Inventors: Acharya; Anusha Chippigiri; (Dallas, TX) ; Sundararajan; Mukundan; (Bangalore, IN)
Applicant:
Name City State Country Type

International Business Machines Corporation

Armonk

NY

US
Family ID: 1000001759571
Appl. No.: 14/800793
Filed: July 16, 2015


Current U.S. Class: 1/1
Current CPC Class: H04R 23/00 20130101; Y10S 977/932 20130101; B82Y 15/00 20130101
International Class: H04R 23/00 20060101 H04R023/00

Claims



1. A microphone that discriminates a first segment and a second segment in a spoken sound, comprising: a set of carbon nanotube bundles, the spoken sound passing through the set of carbon nanotube bundles; and an electrode block, the electrode block including a set of conducting plates and an electrode electrically connected to the set of conducting plates; wherein a carbon nanotube bundle of the set of carbon nanotube bundles is located adjacent to the electrode block.

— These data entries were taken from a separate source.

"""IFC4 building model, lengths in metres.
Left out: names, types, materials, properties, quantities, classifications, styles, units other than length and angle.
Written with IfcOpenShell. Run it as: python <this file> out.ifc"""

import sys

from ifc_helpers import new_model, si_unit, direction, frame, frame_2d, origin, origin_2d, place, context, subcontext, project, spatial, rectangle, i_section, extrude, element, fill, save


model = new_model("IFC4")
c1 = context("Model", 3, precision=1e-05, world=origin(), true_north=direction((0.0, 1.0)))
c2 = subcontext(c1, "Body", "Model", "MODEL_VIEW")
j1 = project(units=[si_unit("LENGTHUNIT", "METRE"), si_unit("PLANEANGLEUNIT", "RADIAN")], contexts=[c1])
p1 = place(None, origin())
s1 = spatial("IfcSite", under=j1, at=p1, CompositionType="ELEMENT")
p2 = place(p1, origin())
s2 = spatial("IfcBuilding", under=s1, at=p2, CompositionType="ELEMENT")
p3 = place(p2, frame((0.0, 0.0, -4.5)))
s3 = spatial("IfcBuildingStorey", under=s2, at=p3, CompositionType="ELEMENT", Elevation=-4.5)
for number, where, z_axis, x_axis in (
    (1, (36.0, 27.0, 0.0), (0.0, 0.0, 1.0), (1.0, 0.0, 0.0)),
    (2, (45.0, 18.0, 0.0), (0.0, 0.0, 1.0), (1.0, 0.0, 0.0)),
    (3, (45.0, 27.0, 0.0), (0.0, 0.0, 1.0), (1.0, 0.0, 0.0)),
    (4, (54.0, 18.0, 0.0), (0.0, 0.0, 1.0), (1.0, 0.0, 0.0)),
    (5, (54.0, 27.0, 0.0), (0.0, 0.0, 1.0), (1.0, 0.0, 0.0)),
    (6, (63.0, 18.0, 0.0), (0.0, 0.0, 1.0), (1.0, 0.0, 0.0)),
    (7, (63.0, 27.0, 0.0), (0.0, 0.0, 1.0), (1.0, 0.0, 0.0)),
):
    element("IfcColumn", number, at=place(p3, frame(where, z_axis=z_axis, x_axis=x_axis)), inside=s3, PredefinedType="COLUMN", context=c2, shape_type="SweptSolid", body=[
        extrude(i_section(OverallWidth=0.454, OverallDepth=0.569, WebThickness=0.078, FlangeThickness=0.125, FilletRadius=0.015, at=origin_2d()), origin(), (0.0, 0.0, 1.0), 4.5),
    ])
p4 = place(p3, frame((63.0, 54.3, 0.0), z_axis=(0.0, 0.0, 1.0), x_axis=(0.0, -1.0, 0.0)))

2. The microphone of claim 1, wherein the set of carbon nanotube bundles includes single-walled carbon nanotubes.

3. The microphone of claim 1, wherein the set of carbon nanotube bundles includes multi-walled carbon nanotubes.

4. The microphone of claim 1, wherein the set of carbon nanotube bundles includes a mix of single-walled carbon nanotubes and multi-walled carbon nanotubes.

5. The microphone of claim 1, wherein at least one carbon nanotube in the set of carbon nanotube bundles are in longitudinal direction.

6. The microphone of claim 1, wherein the set of conducting plates are conducting cylinders.

7. The microphone of claim 1, wherein the set of conducting plates are made of materials including at least one of the following: gold, copper, and combination thereof.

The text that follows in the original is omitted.